Get a couch. Problem solved.

Recliners a plus <3


----------



## aaronmonto

Wooden stool. Easily upgradeable, not too much investment, buy one anywhere.
Warning: Some of the more luxurious stools do come with wheels.

You might also want to look at spinal decompression machines.


----------



## Ceadderman

Quote:


> Originally Posted by *Phoriver;12618374*
> I don't understand. Height adjustment is a must, theres no way you're getting a beanbag (lol) or a sport/camping chair to the right height unless your desk is exceptionally low or you stack sh** under them.

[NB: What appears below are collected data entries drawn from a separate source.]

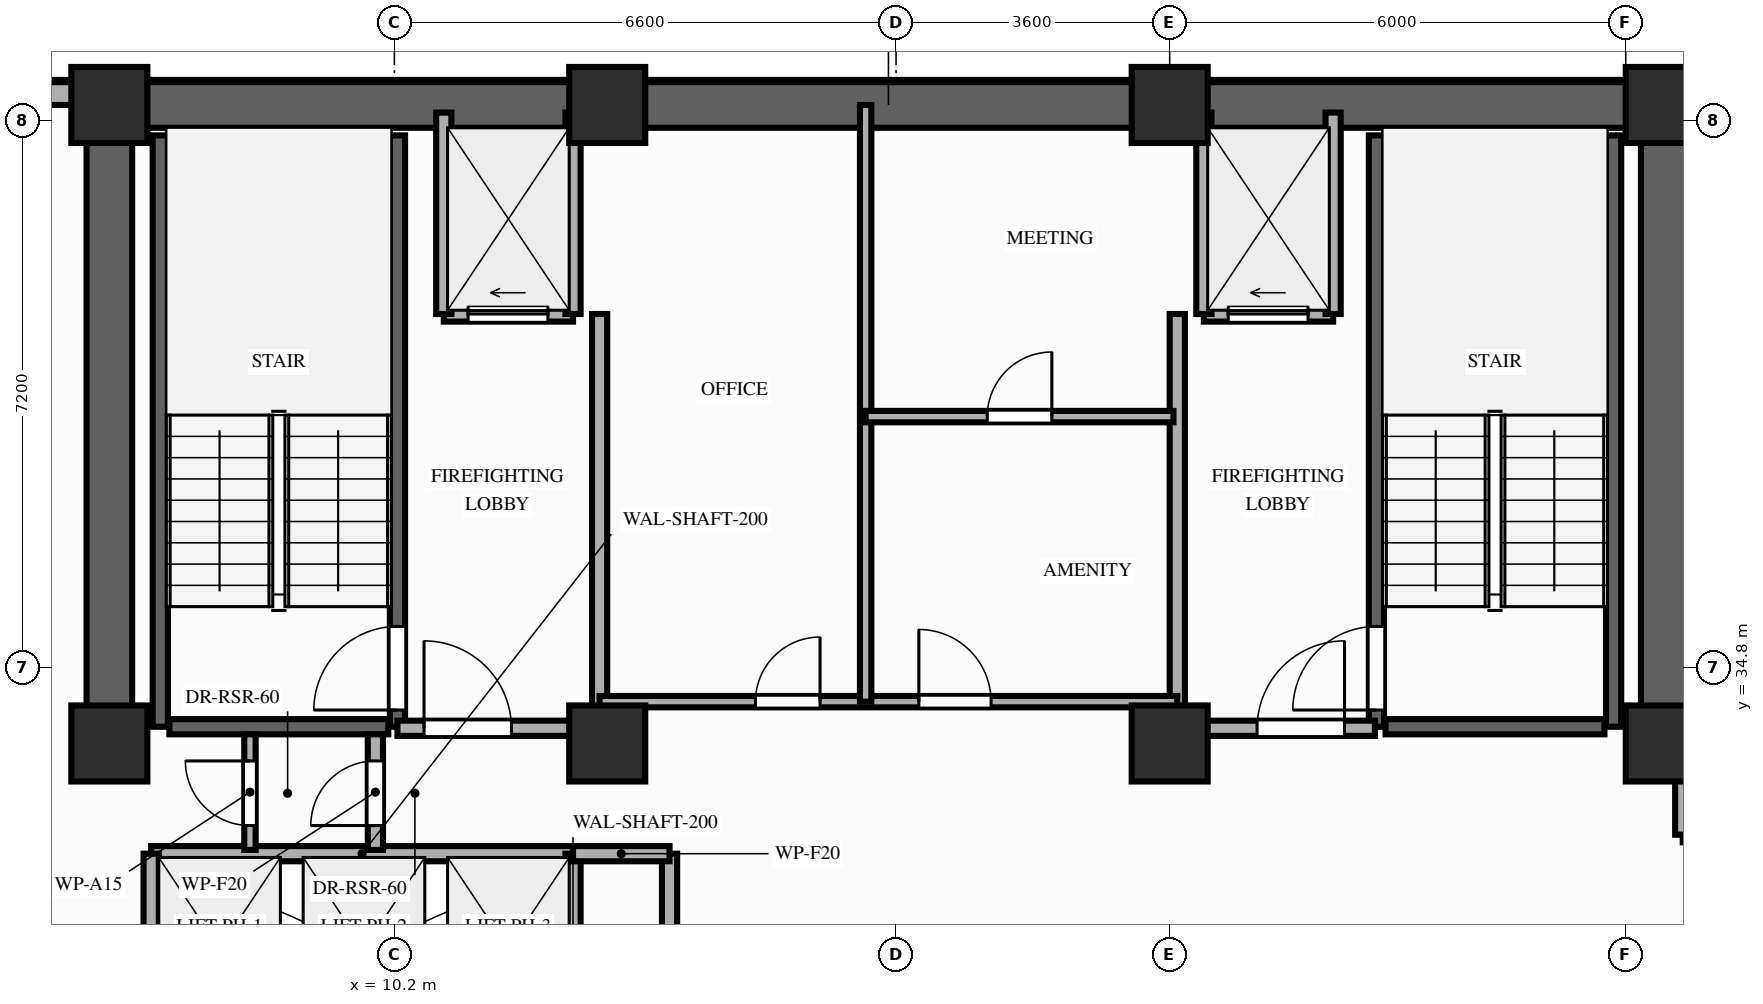
"""IFC4 building model, lengths in metres.
Left out: names, types, materials, properties, quantities, classifications, styles, units other than length and angle.
Written with IfcOpenShell. Run it as: python <this file> out.ifc"""

import sys

from ifc_helpers import new_model, si_unit, direction, frame, frame_2d, origin, origin_2d, place, context, subcontext, project, spatial, rectangle, extrude, element, fill, save


model = new_model("IFC4")
c1 = context("Model", 3, precision=1e-05, world=origin(), true_north=direction((0.0, 1.0)))
c2 = subcontext(c1, "Body", "Model", "MODEL_VIEW")
j1 = project(units=[si_unit("LENGTHUNIT", "METRE"), si_unit("PLANEANGLEUNIT", "RADIAN")], contexts=[c1])
p1 = place(None, origin())
s1 = spatial("IfcSite", under=j1, at=p1, CompositionType="ELEMENT")
p2 = place(p1, origin())
s2 = spatial("IfcBuilding", under=s1, at=p2, CompositionType="ELEMENT")
p3 = place(p2, frame((0.0, 0.0, 182.4)))
s3 = spatial("IfcBuildingStorey", under=s2, at=p3, CompositionType="ELEMENT", Elevation=182.4)
for number, where, z_axis, x_axis in (
    (1, (6.45, 33.8, 0.0), (0.0, 0.0, 1.0), (1.0, 0.0, 0.0)),
    (2, (13.0, 33.8, 0.0), (0.0, 0.0, 1.0), (1.0, 0.0, 0.0)),
    (3, (20.4, 33.8, 0.0), (0.0, 0.0, 1.0), (1.0, 0.0, 0.0)),
    (4, (26.9, 33.8, 0.0), (0.0, 0.0, 1.0), (1.0, 0.0, 0.0)),
    (5, (6.45, 42.2, 0.0), (0.0, 0.0, 1.0), (1.0, 0.0, 0.0)),
    (6, (13.0, 42.2, 0.0), (0.0, 0.0, 1.0), (1.0, 0.0, 0.0)),
    (7, (20.4, 42.2, 0.0), (0.0, 0.0, 1.0), (1.0, 0.0, 0.0)),
    (8, (26.9, 42.2, 0.0), (0.0, 0.0, 1.0), (1.0, 0.0, 0.0)),
):
    element("IfcColumn", number, at=place(p3, frame(where, z_axis=z_axis, x_axis=x_axis)), inside=s3, PredefinedType="COLUMN", context=c2, shape_type="SweptSolid", body=[
        extrude(rectangle(XDim=1.0, YDim=1.0, at=origin_2d()), origin(), (0.0, 0.0, 1.0), 3.2),
    ])
p4 = place(p3, frame((6.0, 42.35, 0.0), z_axis=(0.0, 0.0, 1.0), x_axis=(-1.0, 0.0, 0.0)))
e9 = element("IfcWall", 9, at=p4, inside=s3, PredefinedType="STANDARD", context=c2, shape_type="SweptSolid", body=[
    extrude(rectangle(XDim=2.0, YDim=0.3, at=frame_2d((1.0, 0.0))), origin(), (0.0, 0.0, 1.0), 3.02),
])
p5 = place(p3, frame((6.45, 42.2, 0.0), z_axis=(0.0, 0.0, 1.0), x_axis=(1.0, 0.0, 0.0)))
e10 = element("IfcWall", 10, at=p5, inside=s3, PredefinedType="SHEAR", context=c2, shape_type="SweptSolid", body=[
    extrude(rectangle(XDim=20.45, YDim=0.6, at=frame_2d((10.225, 0.0))), origin(), (0.0, 0.0, 1.0), 3.02),
])
for number, where, z_axis, x_axis in (
    (11, (6.45, 33.8, 0.0), (0.0, 0.0, 1.0), (0.0, 1.0, 0.0)),
    (12, (26.9, 33.8, 0.0), (0.0, 0.0, 1.0), (0.0, 1.0, 0.0)),
):
    element("IfcWall", number, at=place(p3, frame(where, z_axis=z_axis, x_axis=x_axis)), inside=s3, PredefinedType="SHEAR", context=c2, shape_type="SweptSolid", body=[
        extrude(rectangle(XDim=7.95, YDim=0.6, at=frame_2d((3.975, 0.0))), origin(), (0.0, 0.0, 1.0), 3.02),
    ])
p6 = place(p3, frame((7.12, 34.02, 0.0), z_axis=(0.0, 0.0, 1.0), x_axis=(0.0, 1.0, 0.0)))
e13 = element("IfcWall", 13, at=p6, inside=s3, PredefinedType="SHEAR", context=c2, shape_type="SweptSolid", body=[
    extrude(rectangle(XDim=7.78, YDim=0.2, at=frame_2d((3.89, 0.0))), origin(), (0.0, 0.0, 1.0), 3.02),
])
p7 = place(p3, frame((10.24, 34.02, 0.0), z_axis=(0.0, 0.0, 1.0), x_axis=(0.0, 1.0, 0.0)))
e14 = element("IfcWall", 14, at=p7, inside=s3, PredefinedType="SHEAR", context=c2, shape_type="SweptSolid", body=[
    extrude(rectangle(XDim=7.78, YDim=0.2, at=frame_2d((3.89, 0.0))), origin(), (0.0, 0.0, 1.0), 3.02),
])
p8 = place(p7, frame((0.22, 0.0, 0.0)))
e15 = element("IfcOpeningElement", 15, at=p8, cuts=e14, PredefinedType="OPENING", context=c2, shape_type="SweptSolid", body=[
    extrude(rectangle(XDim=1.1, YDim=2.15, at=frame_2d((0.55, 1.075))), frame((0.0, 0.11, 0.0), z_axis=(0.0, -1.0, 0.0), x_axis=(1.0, 0.0, 0.0)), (0.0, 0.0, 1.0), 0.22),
])
p9 = place(p3, frame((7.24, 34.02, 0.0), z_axis=(0.0, 0.0, 1.0), x_axis=(1.0, 0.0, 0.0)))
e16 = element("IfcWall", 16, at=p9, inside=s3, PredefinedType="SHEAR", context=c2, shape_type="SweptSolid", body=[
    extrude(rectangle(XDim=2.88, YDim=0.2, at=frame_2d((1.44, 0.0))), origin(), (0.0, 0.0, 1.0), 3.02),
])
p10 = place(p3, frame((23.12, 34.02, 0.0), z_axis=(0.0, 0.0, 1.0), x_axis=(0.0, 1.0, 0.0)))
e17 = element("IfcWall", 17, at=p10, inside=s3, PredefinedType="SHEAR", context=c2, shape_type="SweptSolid", body=[
    extrude(rectangle(XDim=7.78, YDim=0.2, at=frame_2d((3.89, 0.0))), origin(), (0.0, 0.0, 1.0), 3.02),
])
p11 = place(p10, frame((0.22, 0.0, 0.0)))
e18 = element("IfcOpeningElement", 18, at=p11, cuts=e17, PredefinedType="OPENING", context=c2, shape_type="SweptSolid", body=[
    extrude(rectangle(XDim=1.1, YDim=2.15, at=frame_2d((0.55, 1.075))), frame((0.0, 0.11, 0.0), z_axis=(0.0, -1.0, 0.0), x_axis=(1.0, 0.0, 0.0)), (0.0, 0.0, 1.0), 0.22),
])
p12 = place(p3, frame((26.24, 34.02, 0.0), z_axis=(0.0, 0.0, 1.0), x_axis=(0.0, 1.0, 0.0)))
e19 = element("IfcWall", 19, at=p12, inside=s3, PredefinedType="SHEAR", context=c2, shape_type="SweptSolid", body=[
    extrude(rectangle(XDim=7.78, YDim=0.2, at=frame_2d((3.89, 0.0))), origin(), (0.0, 0.0, 1.0), 3.02),
])
p13 = place(p3, frame((23.24, 34.02, 0.0), z_axis=(0.0, 0.0, 1.0), x_axis=(1.0, 0.0, 0.0)))
e20 = element("IfcWall", 20, at=p13, inside=s3, PredefinedType="SHEAR", context=c2, shape_type="SweptSolid", body=[
    extrude(rectangle(XDim=2.88, YDim=0.2, at=frame_2d((1.44, 0.0))), origin(), (0.0, 0.0, 1.0), 3.02),
])
p14 = place(p3, frame((7.0, 32.35, 0.0), z_axis=(0.0, 0.0, 1.0), x_axis=(1.0, 0.0, 0.0)))
e21 = element("IfcWall", 21, at=p14, inside=s3, PredefinedType="MOVABLE", context=c2, shape_type="SweptSolid", body=[
    extrude(rectangle(XDim=5.55, YDim=0.2, at=frame_2d((2.775, 0.0))), origin(), (0.0, 0.0, 1.0), 3.02),
])
for number, where, z_axis, x_axis in (
    (22, (7.0, 29.85, 0.0), (0.0, 0.0, 1.0), (0.0, 1.0, 0.0)),
    (23, (12.55, 29.85, 0.0), (0.0, 0.0, 1.0), (0.0, 1.0, 0.0)),
):
    element("IfcWall", number, at=place(p3, frame(where, z_axis=z_axis, x_axis=x_axis)), inside=s3, PredefinedType="MOVABLE", context=c2, shape_type="SweptSolid", body=[
        extrude(rectangle(XDim=2.5, YDim=0.2, at=frame_2d((1.25, 0.0))), origin(), (0.0, 0.0, 1.0), 3.02),
    ])
p15 = place(p3, frame((10.85, 39.45, 0.0), z_axis=(0.0, 0.0, 1.0), x_axis=(1.0, 0.0, 0.0)))
e24 = element("IfcWall", 24, at=p15, inside=s3, PredefinedType="MOVABLE", context=c2, shape_type="SweptSolid", body=[
    extrude(rectangle(XDim=1.7, YDim=0.2, at=frame_2d((0.85, 0.0))), origin(), (0.0, 0.0, 1.0), 3.02),
])
p16 = place(p15, frame((0.32, 0.0, 0.0)))
e25 = element("IfcOpeningElement", 25, at=p16, cuts=e24, PredefinedType="OPENING", context=c2, shape_type="SweptSolid", body=[
    extrude(rectangle(XDim=1.05, YDim=2.15, at=frame_2d((0.525, 1.075))), frame((0.0, 0.11, 0.0), z_axis=(0.0, -1.0, 0.0), x_axis=(1.0, 0.0, 0.0)), (0.0, 0.0, 1.0), 0.22),
])
p17 = place(p3, frame((20.85, 39.45, 0.0), z_axis=(0.0, 0.0, 1.0), x_axis=(1.0, 0.0, 0.0)))
e26 = element("IfcWall", 26, at=p17, inside=s3, PredefinedType="MOVABLE", context=c2, shape_type="SweptSolid", body=[
    extrude(rectangle(XDim=1.7, YDim=0.2, at=frame_2d((0.85, 0.0))), origin(), (0.0, 0.0, 1.0), 3.02),
])
p18 = place(p17, frame((0.32, 0.0, 0.0)))
e27 = element("IfcOpeningElement", 27, at=p18, cuts=e26, PredefinedType="OPENING", context=c2, shape_type="SweptSolid", body=[
    extrude(rectangle(XDim=1.05, YDim=2.15, at=frame_2d((0.525, 1.075))), frame((0.0, 0.11, 0.0), z_axis=(0.0, -1.0, 0.0), x_axis=(1.0, 0.0, 0.0)), (0.0, 0.0, 1.0), 0.22),
])
for number, where, z_axis, x_axis in (
    (28, (10.85, 39.45, 0.0), (0.0, 0.0, 1.0), (0.0, 1.0, 0.0)),
    (29, (12.55, 39.45, 0.0), (0.0, 0.0, 1.0), (0.0, 1.0, 0.0)),
):
    element("IfcWall", number, at=place(p3, frame(where, z_axis=z_axis, x_axis=x_axis)), inside=s3, PredefinedType="MOVABLE", context=c2, shape_type="SweptSolid", body=[
        extrude(rectangle(XDim=2.65, YDim=0.2, at=frame_2d((1.325, 0.0))), origin(), (0.0, 0.0, 1.0), 2.45),
    ])
p19 = place(p3, frame((12.9, 34.0, 0.0), z_axis=(0.0, 0.0, 1.0), x_axis=(0.0, 1.0, 0.0)))
e30 = element("IfcWall", 30, at=p19, inside=s3, PredefinedType="PARTITIONING", context=c2, shape_type="SweptSolid", body=[
    extrude(rectangle(XDim=5.45, YDim=0.2, at=frame_2d((2.725, 0.0))), origin(), (0.0, 0.0, 1.0), 2.45),
])
p20 = place(p3, frame((10.24, 34.0, 0.0), z_axis=(0.0, 0.0, 1.0), x_axis=(1.0, 0.0, 0.0)))
e31 = element("IfcWall", 31, at=p20, inside=s3, PredefinedType="PARTITIONING", context=c2, shape_type="SweptSolid", body=[
    extrude(rectangle(XDim=2.66, YDim=0.2, at=frame_2d((1.33, 0.0))), origin(), (0.0, 0.0, 1.0), 2.45),
])
p21 = place(p20, frame((0.35, 0.0, 0.0)))
e32 = element("IfcOpeningElement", 32, at=p21, cuts=e31, PredefinedType="OPENING", context=c2, shape_type="SweptSolid", body=[
    extrude(rectangle(XDim=1.15, YDim=2.15, at=frame_2d((0.575, 1.075))), frame((0.0, 0.11, 0.0), z_axis=(0.0, -1.0, 0.0), x_axis=(1.0, 0.0, 0.0)), (0.0, 0.0, 1.0), 0.22),
])
for number, where, z_axis, x_axis in (
    (33, (20.85, 39.45, 0.0), (0.0, 0.0, 1.0), (0.0, 1.0, 0.0)),
    (34, (22.55, 39.45, 0.0), (0.0, 0.0, 1.0), (0.0, 1.0, 0.0)),
):
    element("IfcWall", number, at=place(p3, frame(where, z_axis=z_axis, x_axis=x_axis)), inside=s3, PredefinedType="MOVABLE", context=c2, shape_type="SweptSolid", body=[
        extrude(rectangle(XDim=2.65, YDim=0.2, at=frame_2d((1.325, 0.0))), origin(), (0.0, 0.0, 1.0), 2.45),
    ])
p22 = place(p3, frame((20.5, 34.0, 0.0), z_axis=(0.0, 0.0, 1.0), x_axis=(0.0, 1.0, 0.0)))
e35 = element("IfcWall", 35, at=p22, inside=s3, PredefinedType="PARTITIONING", context=c2, shape_type="SweptSolid", body=[
    extrude(rectangle(XDim=5.45, YDim=0.2, at=frame_2d((2.725, 0.0))), origin(), (0.0, 0.0, 1.0), 2.45),
])
p23 = place(p3, frame((20.5, 34.0, 0.0), z_axis=(0.0, 0.0, 1.0), x_axis=(1.0, 0.0, 0.0)))
e36 = element("IfcWall", 36, at=p23, inside=s3, PredefinedType="PARTITIONING", context=c2, shape_type="SweptSolid", body=[
    extrude(rectangle(XDim=2.6, YDim=0.2, at=frame_2d((1.3, 0.0))), origin(), (0.0, 0.0, 1.0), 2.45),
])
p24 = place(p23, frame((1.05, 0.0, 0.0)))
e37 = element("IfcOpeningElement", 37, at=p24, cuts=e36, PredefinedType="OPENING", context=c2, shape_type="SweptSolid", body=[
    extrude(rectangle(XDim=1.15, YDim=2.15, at=frame_2d((0.575, 1.075))), frame((0.0, 0.11, 0.0), z_axis=(0.0, -1.0, 0.0), x_axis=(1.0, 0.0, 0.0)), (0.0, 0.0, 1.0), 0.22),
])
p25 = place(p3, frame((9.95, 32.4, 0.0), z_axis=(0.0, 0.0, 1.0), x_axis=(0.0, 1.0, 0.0)))
e38 = element("IfcWall", 38, at=p25, inside=s3, PredefinedType="PARTITIONING", context=c2, shape_type="SweptSolid", body=[
    extrude(rectangle(XDim=1.52, YDim=0.2, at=frame_2d((0.76, 0.0))), origin(), (0.0, 0.0, 1.0), 2.45),
])
p26 = place(p25, frame((0.32, 0.0, 0.0)))
e39 = element("IfcOpeningElement", 39, at=p26, cuts=e38, PredefinedType="OPENING", context=c2, shape_type="SweptSolid", body=[
    extrude(rectangle(XDim=0.85, YDim=2.05, at=frame_2d((0.425, 1.025))), frame((0.0, 0.11, 0.0), z_axis=(0.0, -1.0, 0.0), x_axis=(1.0, 0.0, 0.0)), (0.0, 0.0, 1.0), 0.22),
])
p27 = place(p3, frame((8.3, 32.4, 0.0), z_axis=(0.0, 0.0, 1.0), x_axis=(0.0, 1.0, 0.0)))
e40 = element("IfcWall", 40, at=p27, inside=s3, PredefinedType="PARTITIONING", context=c2, shape_type="SweptSolid", body=[
    extrude(rectangle(XDim=1.52, YDim=0.15, at=frame_2d((0.76, 0.0))), origin(), (0.0, 0.0, 1.0), 2.45),
])
p28 = place(p27, frame((0.32, 0.0, 0.0)))
e41 = element("IfcOpeningElement", 41, at=p28, cuts=e40, PredefinedType="OPENING", context=c2, shape_type="SweptSolid", body=[
    extrude(rectangle(XDim=0.85, YDim=2.05, at=frame_2d((0.425, 1.025))), frame((0.0, 0.085, 0.0), z_axis=(0.0, -1.0, 0.0), x_axis=(1.0, 0.0, 0.0)), (0.0, 0.0, 1.0), 0.17),
])
p29 = place(p3, frame((13.82, 29.85, 0.0), z_axis=(0.0, 0.0, 1.0), x_axis=(0.0, 1.0, 0.0)))
e42 = element("IfcWall", 42, at=p29, inside=s3, PredefinedType="PARTITIONING", context=c2, shape_type="SweptSolid", body=[
    extrude(rectangle(XDim=2.5, YDim=0.2, at=frame_2d((1.25, 0.0))), origin(), (0.0, 0.0, 1.0), 3.02),
])
p30 = place(p3, frame((12.55, 32.35, 0.0), z_axis=(0.0, 0.0, 1.0), x_axis=(1.0, 0.0, 0.0)))
e43 = element("IfcWall", 43, at=p30, inside=s3, PredefinedType="PARTITIONING", context=c2, shape_type="SweptSolid", body=[
    extrude(rectangle(XDim=1.27, YDim=0.2, at=frame_2d((0.635, 0.0))), origin(), (0.0, 0.0, 1.0), 3.02),
])
p31 = place(p3, frame((12.9, 34.35, 0.0), z_axis=(0.0, 0.0, 1.0), x_axis=(1.0, 0.0, 0.0)))
e44 = element("IfcWall", 44, at=p31, inside=s3, PredefinedType="PARTITIONING", context=c2, shape_type="SweptSolid", body=[
    extrude(rectangle(XDim=7.6, YDim=0.15, at=frame_2d((3.8, 0.0))), origin(), (0.0, 0.0, 1.0), 3.02),
])
p32 = place(p31, frame((2.05, 0.0, 0.0)))
e45 = element("IfcOpeningElement", 45, at=p32, cuts=e44, PredefinedType="OPENING", context=c2, shape_type="SweptSolid", body=[
    extrude(rectangle(XDim=0.85, YDim=2.05, at=frame_2d((0.425, 1.025))), frame((0.0, 0.085, 0.0), z_axis=(0.0, -1.0, 0.0), x_axis=(1.0, 0.0, 0.0)), (0.0, 0.0, 1.0), 0.17),
])
p33 = place(p31, frame((4.2, 0.0, 0.0)))
e46 = element("IfcOpeningElement", 46, at=p33, cuts=e44, PredefinedType="OPENING", context=c2, shape_type="SweptSolid", body=[
    extrude(rectangle(XDim=0.95, YDim=2.15, at=frame_2d((0.475, 1.075))), frame((0.0, 0.085, 0.0), z_axis=(0.0, -1.0, 0.0), x_axis=(1.0, 0.0, 0.0)), (0.0, 0.0, 1.0), 0.17),
])
p34 = place(p3, frame((16.4, 34.35, 0.0), z_axis=(0.0, 0.0, 1.0), x_axis=(0.0, 1.0, 0.0)))
e47 = element("IfcWall", 47, at=p34, inside=s3, PredefinedType="PARTITIONING", context=c2, shape_type="SweptSolid", body=[
    extrude(rectangle(XDim=7.85, YDim=0.15, at=frame_2d((3.925, 0.0))), origin(), (0.0, 0.0, 1.0), 2.45),
])
p35 = place(p3, frame((16.4, 38.1, 0.0), z_axis=(0.0, 0.0, 1.0), x_axis=(1.0, 0.0, 0.0)))
e48 = element("IfcWall", 48, at=p35, inside=s3, PredefinedType="PARTITIONING", context=c2, shape_type="SweptSolid", body=[
    extrude(rectangle(XDim=4.05, YDim=0.15, at=frame_2d((2.025, 0.0))), origin(), (0.0, 0.0, 1.0), 3.02),
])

My desktop is the standard 30"h x 30"w x 19d with 23" from floor to drawer. Not bad since my Gramps built it when I was a tot. I'm 42 now. Yeah the camp chair sits a little low, though as I said I have a couple throw pillows(1 large, 1 small) for padding. If I need height adjustment down they compress soon enough and if I need higher then just grab another and put it on the stack.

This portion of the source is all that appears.